For people interested in tools for logging and comparing different models and training runs in general, Weights & Biases is directly integrated with Transformers.
You just need to have wandb installed and logged in.
It automatically logs losses, metrics, learning rate, computer ressources, etc.
@boris I have a few questions for the HF Transformers integration:
It looks like wandb is charting the loss, learning rate, and epoch for a given run of Trainer.train(). Are there other things that would be useful to have charted for a finetuning run?
It also looks like wandb is using the logging_steps value in TrainerArguments. Is this right?
Is it preferred to set wandb behavior through the environment variables or in the finetuning script directly?
It also logs validation loss and all the task dependent metrics defined against your validation dataset.
Then you can decide to log losses/metrics against epoch using it as x-axis in W&B interface (instead of the step) if it makes more sense for your use case.

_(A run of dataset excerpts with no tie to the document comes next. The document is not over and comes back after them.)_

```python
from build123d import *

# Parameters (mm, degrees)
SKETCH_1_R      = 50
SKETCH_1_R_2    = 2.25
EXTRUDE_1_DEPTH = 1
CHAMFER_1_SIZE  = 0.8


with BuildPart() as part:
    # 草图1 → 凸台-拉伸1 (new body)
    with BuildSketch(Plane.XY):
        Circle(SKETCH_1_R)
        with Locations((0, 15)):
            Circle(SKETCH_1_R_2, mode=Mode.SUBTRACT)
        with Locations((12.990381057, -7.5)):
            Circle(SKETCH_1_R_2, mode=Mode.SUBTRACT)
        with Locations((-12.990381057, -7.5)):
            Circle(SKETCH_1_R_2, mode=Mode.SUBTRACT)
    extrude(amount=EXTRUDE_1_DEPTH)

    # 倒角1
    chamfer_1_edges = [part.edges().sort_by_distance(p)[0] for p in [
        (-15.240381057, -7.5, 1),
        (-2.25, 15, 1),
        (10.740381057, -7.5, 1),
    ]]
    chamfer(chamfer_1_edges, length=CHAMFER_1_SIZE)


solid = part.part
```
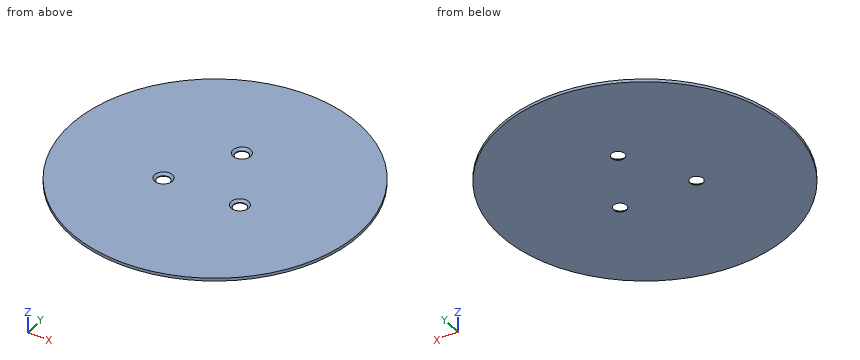
Can you work these out from the model? Positions are in its coordinate system, mm. Round coordinates to 2 decimals unless told otherwise and drop trailing zeros. Loops run counter-clockwise (first coordinate to the right, second up) from the corner with the lowest first, then second, coordinate; pieces in that order, holes last. Notation, with made-up numbers: M 49,44 L 96,44 A28 ccw 96,77 Z; hole C 76.25,-27 d9. An arc over 180 degrees is marked long. Answer as a JSON object with one key per item and string values. Group by question number.
Q1. Will these pins go through, and if not, where does the flat tip stop? pin 1 (5 mm diameter, centred on x = -12.99, y = -7.5, fed in from +Z); pin 2 (6 mm diameter, centred on x = 12.99, y = -7.5, fed in from +Z).
Q2. Imagine slicing it at D-D, the plane z = 0.45. Please give me the cut outline in (x, y).
Q3. Imagine slicing it at B-B, the plane y = -7.5. Please give me the cut outline in (x, z).
Q4. Imagine slicing it at C-C, the plane y = 15. Please give me the cut outline in (x, z), then the cut area to 3 significant figures.
Q5. Imagine slicing it at A-A, the plane x = 0. Please give me the cut outline in (y, z), then the cut area to 3 significant figures.
Q6. Please list where these lines run through material, in increasing order: L1, parallel to X at y = -7, z = 0.95; L2, parallel to Y at x = 0, z = 0.15; L3, parallel to X at y = -6, z = 0.25.
Findings:
{
 "1": {"pin 1": "stops at z = 0.45", "pin 2": "stops at z = 0.95"},
 "2": {"outline": "C 0,0 d100; hole C -12.99,-7.5 d5; hole C 0,15 d5; hole C 12.99,-7.5 d5"},
 "3": {"outline": "M -49.43,0 L -15.24,0 L -15.24,0.2 L -16.04,1 L -49.43,1 Z; M -10.74,0 L 10.74,0 L 10.74,0.2 L 9.94,1 L -9.94,1 L -10.74,0.2 Z; M 15.24,0 L 49.43,0 L 49.43,1 L 16.04,1 L 15.24,0.2 Z"},
 "4": {"outline": "M -47.7,0 L -2.25,0 L -2.25,0.2 L -3.05,1 L -47.7,1 Z; M 2.25,0 L 47.7,0 L 47.7,1 L 3.05,1 L 2.25,0.2 Z", "area": "90.3 mm2"},
 "5": {"outline": "M -50,0 L 12.75,0 L 12.75,0.2 L 11.95,1 L -50,1 Z; M 17.25,0 L 50,0 L 50,1 L 18.05,1 L 17.25,0.2 Z", "area": "94.9 mm2"},
 "6": {"L1": "x = -49.51 to -15.95, -10.03 to 10.03, 15.95 to 49.51", "L2": "y = -50 to 12.75, 17.25 to 50", "L3": "x = -49.64 to -14.73, -11.25 to 11.25, 14.73 to 49.64"}
}

That is correct. It can also log evaluation loss/metrics at the end of training if the evaluate loop is called at the end of your script (usually the case when you use one of the “examples” script from the library).
There is no preferred way. When I write my own fine-tuning script, I like to pass explicitly my variables as the code looks more clear to me but either way should work perfectly fine.
@boris. Thanks for your reply! One more quick question. I see where wandb gets initialized in the HF integration. Suppose I want to also log some other metric or value that isn’t automatically logged in the integration. Is there a way to call the same wandb object from my script that the HF inmplementation is using to include this value being logged?
Yes, you can just call wandb.log anytime manually like so wandb.log({"my_metric":1.2}, step=trainer.global_step)
Passing the step is not mandatory but preferred when logging at different places.
I’m thinking that we could add a way to log & track datasets and trained models.
We could either do it with an environment variable or another parameter in TrainingArguments.
@boris How did you manage to create such a sweep? Have you used Google Colab or any local machine? (I’m currently struggling with setting up one in Colab)
In the docs it says that there are troubles by using wandb.agent with GPU-Support
@katharinafluch There are many ways to run sweeps but I actually ran mine in the console.
There is a new version of wandb coming up soon that will better support sweeps in Colab so I can make a demo for it then!
@boris I have export WANDB_MODE='dry_run' and WANDB_WATCH='all' setup in my environment. I ran a training session and synced the dryrun using wandb local. When I view the results on the localhost, I don’t see any information about the parameters. Just plots about learning rate, epoch, and loss.
Do you know where I can view this information about the parameters and/or if I have done something wrong to prevent them being recorded?
@boris, should the information about the parameters appear alongside the learning rate, epoch, and loss or are they somewhere else in the wandb dashboard?
By default, you get gradients logged under “gradients” (as long as you have more than 100 training steps).
You can also log parameters by setting WANDB_WATCH to 'all` and you will get both parameters and gradients (see documentation).
I made a demo colab which also logs both gradients and parameters.